Given a **`1-indexed`** array of integers numbers that is already sorted in non-decreasing order, find two numbers such that they add up to a specific `target` number. Let these two numbers be `numbers[index1]` and `numbers[index2]` where `1 <= index1 < index2 <= numbers.length`.

Return the indices of the two numbers, `index1` and `index2`, added by one as an integer `array [index1, index2]` of length `2`.

Example 1:

```
Input: numbers = [2,7,11,15], target = 9
Output: [1,2]
Explanation: The sum of 2 and 7 is 9. Therefore, index1 = 1, index2 = 2. We return [1, 2].
```

Example 2:

```
Input: numbers = [2,3,4], target = 6
Output: [1,3]
Explanation: The sum of 2 and 4 is 6. Therefore index1 = 1, index2 = 3. We return [1, 3].
```

Example 3:

```
Input: numbers = [-1,0], target = -1
Output: [1,2]
Explanation: The sum of -1 and 0 is -1. Therefore index1 = 1, index2 = 2. We return [1, 2].

```

Constraints and Statements:

* The tests are generated such that there is exactly one solution. You may not use the same element twice.
* Your solution must use only constant extra space.

Questions to Clarify:

* **Negative Numbers**: Can the input array contain negative numbers? Yes.
* **Duplicate Numbers**: Can the input array contain duplicate numbers? No.
* **Unique Solution**: Is it guaranteed that there will always be exactly one solution? Yes.
* **Indices Required**: Do we need to return the actual indices of the solution numbers, or just the numbers themselves? Actual indices of the solution numbers.

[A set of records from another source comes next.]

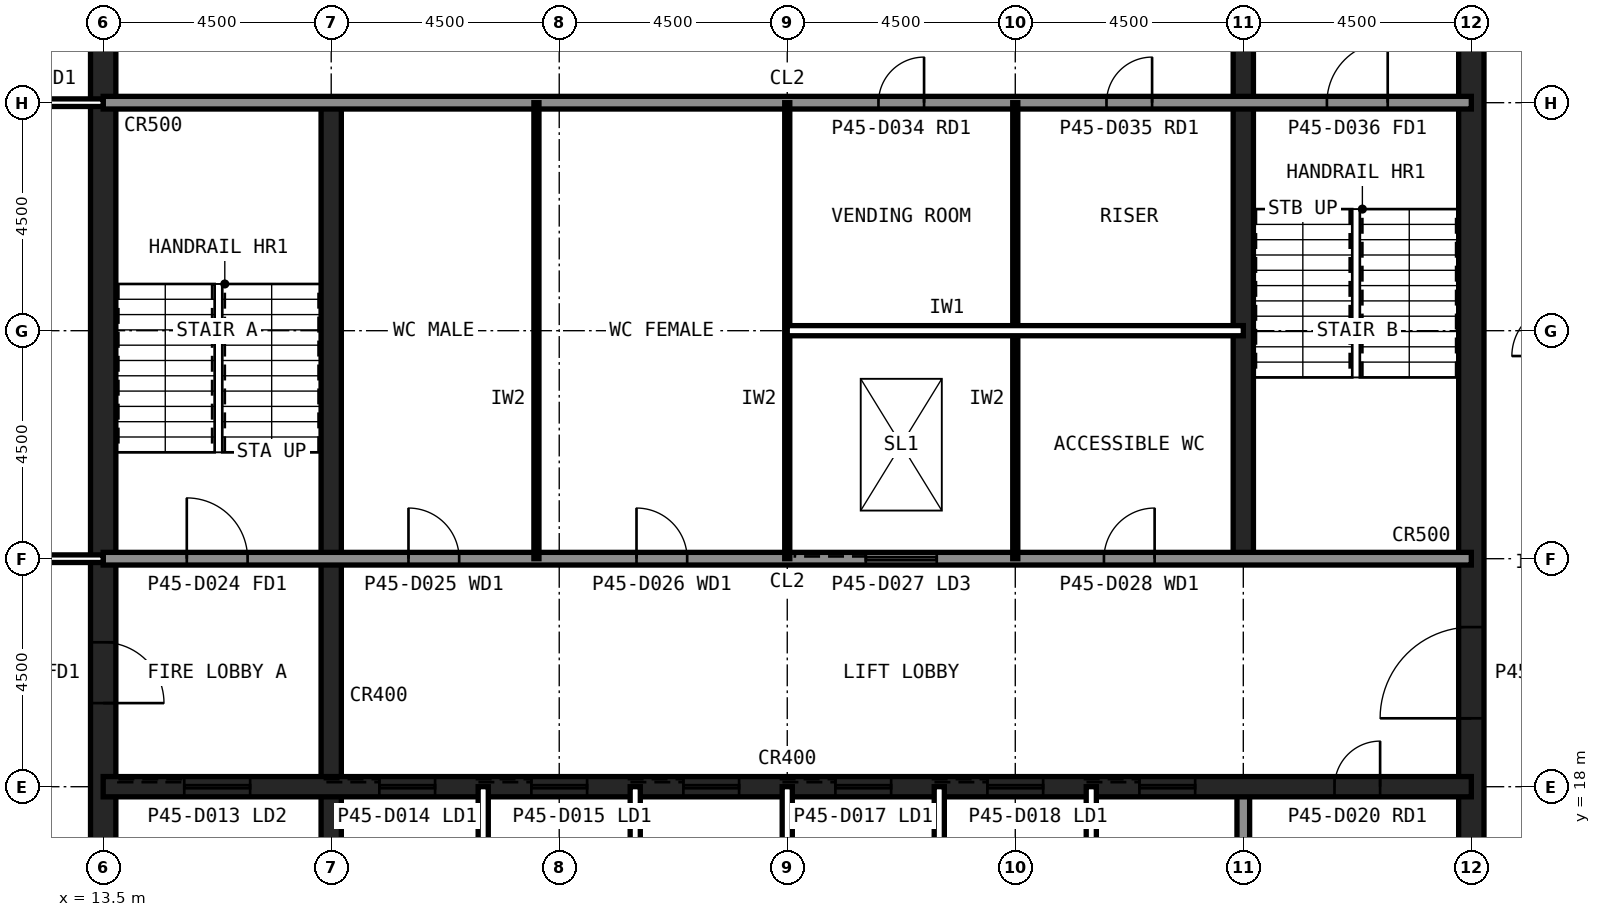
"""IFC4 building model, lengths in metres.
Left out: names, types, materials, properties, quantities, classifications, styles, units other than length and angle.
Written with IfcOpenShell. Run it as: python <this file> out.ifc"""

import sys

from ifc_helpers import new_model, si_unit, direction, frame, frame_2d, origin, place, context, subcontext, project, spatial, rectangle, extrude, element, fill, save


model = new_model("IFC4")
c1 = context("Model", 3, precision=1e-05, world=origin(), true_north=direction((0.0, 1.0)))
c2 = subcontext(c1, "Body", "Model", "MODEL_VIEW")
j1 = project(units=[si_unit("LENGTHUNIT", "METRE"), si_unit("PLANEANGLEUNIT", "RADIAN")], contexts=[c1])
p1 = place(None, origin())
s1 = spatial("IfcSite", under=j1, at=p1, CompositionType="ELEMENT")
p2 = place(p1, origin())
s2 = spatial("IfcBuilding", under=s1, at=p2, CompositionType="ELEMENT")
p3 = place(p2, frame((0.0, 0.0, 191.6)))
s3 = spatial("IfcBuildingStorey", under=s2, at=p3, CompositionType="ELEMENT", Elevation=191.6)
p4 = place(p3, frame((40.5, 13.5, 0.0), z_axis=(0.0, 0.0, 1.0), x_axis=(0.0, 1.0, 0.0)))
e1 = element("IfcWall", 1, at=p4, inside=s3, PredefinedType="SHEAR", context=c2, shape_type="SweptSolid", body=[
    extrude(rectangle(XDim=27.0, YDim=0.5, at=frame_2d((13.5, 0.0))), origin(), (0.0, 0.0, 1.0), 4.0),
])
p5 = place(p4, frame((5.85, 0.0, 0.0)))
e2 = element("IfcOpeningElement", 2, at=p5, cuts=e1, PredefinedType="OPENING", context=c2, shape_type="SweptSolid", body=[
    extrude(rectangle(XDim=1.8, YDim=2.1, at=frame_2d((0.9, 1.05))), frame((0.0, 0.26, 0.0), z_axis=(0.0, -1.0, 0.0), x_axis=(1.0, 0.0, 0.0)), (0.0, 0.0, 1.0), 0.52),
])
p6 = place(p4, frame((19.65, 0.0, 0.0)))
e3 = element("IfcOpeningElement", 3, at=p6, cuts=e1, PredefinedType="OPENING", context=c2, shape_type="SweptSolid", body=[
    extrude(rectangle(XDim=1.2, YDim=2.1, at=frame_2d((0.6, 1.05))), frame((0.0, 0.26, 0.0), z_axis=(0.0, -1.0, 0.0), x_axis=(1.0, 0.0, 0.0)), (0.0, 0.0, 1.0), 0.52),
])
p7 = place(p3, frame((13.5, 40.5, 0.0), z_axis=(0.0, 0.0, 1.0), x_axis=(0.0, -1.0, 0.0)))
e4 = element("IfcWall", 4, at=p7, inside=s3, PredefinedType="SHEAR", context=c2, shape_type="SweptSolid", body=[
    extrude(rectangle(XDim=27.0, YDim=0.5, at=frame_2d((13.5, 0.0))), origin(), (0.0, 0.0, 1.0), 4.0),
])
p8 = place(p7, frame((19.65, 0.0, 0.0)))
e5 = element("IfcOpeningElement", 5, at=p8, cuts=e4, PredefinedType="OPENING", context=c2, shape_type="SweptSolid", body=[
    extrude(rectangle(XDim=1.2, YDim=2.1, at=frame_2d((0.6, 1.05))), frame((0.0, 0.26, 0.0), z_axis=(0.0, -1.0, 0.0), x_axis=(1.0, 0.0, 0.0)), (0.0, 0.0, 1.0), 0.52),
])
p9 = place(p7, frame((5.85, 0.0, 0.0)))
e6 = element("IfcOpeningElement", 6, at=p9, cuts=e4, PredefinedType="OPENING", context=c2, shape_type="SweptSolid", body=[
    extrude(rectangle(XDim=1.8, YDim=2.1, at=frame_2d((0.9, 1.05))), frame((0.0, 0.26, 0.0), z_axis=(0.0, -1.0, 0.0), x_axis=(1.0, 0.0, 0.0)), (0.0, 0.0, 1.0), 0.52),
])
p10 = place(p3, frame((18.0, 13.5, 0.0), z_axis=(0.0, 0.0, 1.0), x_axis=(0.0, 1.0, 0.0)))
e7 = element("IfcWall", 7, at=p10, inside=s3, PredefinedType="SHEAR", context=c2, shape_type="SweptSolid", body=[
    extrude(rectangle(XDim=18.0, YDim=0.4, at=frame_2d((9.0, 0.0))), origin(), (0.0, 0.0, 1.0), 4.0),
])
p11 = place(p3, frame((36.0, 13.5, 0.0), z_axis=(0.0, 0.0, 1.0), x_axis=(0.0, 1.0, 0.0)))
e8 = element("IfcWall", 8, at=p11, inside=s3, PredefinedType="SOLIDWALL", context=c2, shape_type="SweptSolid", body=[
    extrude(rectangle(XDim=4.5, YDim=0.25, at=frame_2d((2.25, 0.0))), origin(), (0.0, 0.0, 1.0), 3.84),
])
p12 = place(p3, frame((36.0, 22.5, 0.0), z_axis=(0.0, 0.0, 1.0), x_axis=(0.0, 1.0, 0.0)))
e9 = element("IfcWall", 9, at=p12, inside=s3, PredefinedType="SHEAR", context=c2, shape_type="SweptSolid", body=[
    extrude(rectangle(XDim=18.0, YDim=0.4, at=frame_2d((9.0, 0.0))), origin(), (0.0, 0.0, 1.0), 4.0),
])
p13 = place(p3, frame((13.5, 18.0, 0.0), z_axis=(0.0, 0.0, 1.0), x_axis=(1.0, 0.0, 0.0)))
e10 = element("IfcWall", 10, at=p13, inside=s3, PredefinedType="SHEAR", context=c2, shape_type="SweptSolid", body=[
    extrude(rectangle(XDim=27.0, YDim=0.4, at=frame_2d((13.5, 0.0))), origin(), (0.0, 0.0, 1.0), 4.0),
])
p14 = place(p13, frame((24.3, 0.0, 0.0)))
e11 = element("IfcOpeningElement", 11, at=p14, cuts=e10, PredefinedType="OPENING", context=c2, shape_type="SweptSolid", body=[
    extrude(rectangle(XDim=0.9, YDim=2.1, at=frame_2d((0.45, 1.05))), frame((0.0, 0.21, 0.0), z_axis=(0.0, -1.0, 0.0), x_axis=(1.0, 0.0, 0.0)), (0.0, 0.0, 1.0), 0.42),
])
p15 = place(p13, frame((5.45, 0.0, 0.0)))
e12 = element("IfcOpeningElement", 12, at=p15, cuts=e10, PredefinedType="OPENING", context=c2, shape_type="SweptSolid", body=[
    extrude(rectangle(XDim=1.1, YDim=2.1, at=frame_2d((0.55, 1.05))), frame((0.0, 0.21, 0.0), z_axis=(0.0, -1.0, 0.0), x_axis=(1.0, 0.0, 0.0)), (0.0, 0.0, 1.0), 0.42),
])
p16 = place(p13, frame((8.45, 0.0, 0.0)))
e13 = element("IfcOpeningElement", 13, at=p16, cuts=e10, PredefinedType="OPENING", context=c2, shape_type="SweptSolid", body=[
    extrude(rectangle(XDim=1.1, YDim=2.1, at=frame_2d((0.55, 1.05))), frame((0.0, 0.21, 0.0), z_axis=(0.0, -1.0, 0.0), x_axis=(1.0, 0.0, 0.0)), (0.0, 0.0, 1.0), 0.42),
])
p17 = place(p13, frame((11.45, 0.0, 0.0)))
e14 = element("IfcOpeningElement", 14, at=p17, cuts=e10, PredefinedType="OPENING", context=c2, shape_type="SweptSolid", body=[
    extrude(rectangle(XDim=1.1, YDim=2.1, at=frame_2d((0.55, 1.05))), frame((0.0, 0.21, 0.0), z_axis=(0.0, -1.0, 0.0), x_axis=(1.0, 0.0, 0.0)), (0.0, 0.0, 1.0), 0.42),
])
p18 = place(p13, frame((14.45, 0.0, 0.0)))
e15 = element("IfcOpeningElement", 15, at=p18, cuts=e10, PredefinedType="OPENING", context=c2, shape_type="SweptSolid", body=[
    extrude(rectangle(XDim=1.1, YDim=2.1, at=frame_2d((0.55, 1.05))), frame((0.0, 0.21, 0.0), z_axis=(0.0, -1.0, 0.0), x_axis=(1.0, 0.0, 0.0)), (0.0, 0.0, 1.0), 0.42),
])
p19 = place(p13, frame((17.45, 0.0, 0.0)))
e16 = element("IfcOpeningElement", 16, at=p19, cuts=e10, PredefinedType="OPENING", context=c2, shape_type="SweptSolid", body=[
    extrude(rectangle(XDim=1.1, YDim=2.1, at=frame_2d((0.55, 1.05))), frame((0.0, 0.21, 0.0), z_axis=(0.0, -1.0, 0.0), x_axis=(1.0, 0.0, 0.0)), (0.0, 0.0, 1.0), 0.42),
])
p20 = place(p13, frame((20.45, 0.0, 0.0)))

Additional Considerations:

* **Array Size**: What are the expected size limits for the input array?
* **Time and Space Complexity**: Are there any specific time or space complexity requirements for the solution? Yes, constant extra space and `O(N)` time Complexity.

Now, all requirements are clear: we can't use a hash table, and we need to solve this problem with `O(N)` time complexity. So, the nested loop is also not valid for this problem.

### Solutions

As we know, array elements are already in sorted order, and with a sorted array, we can follow the *two-pointer* approach.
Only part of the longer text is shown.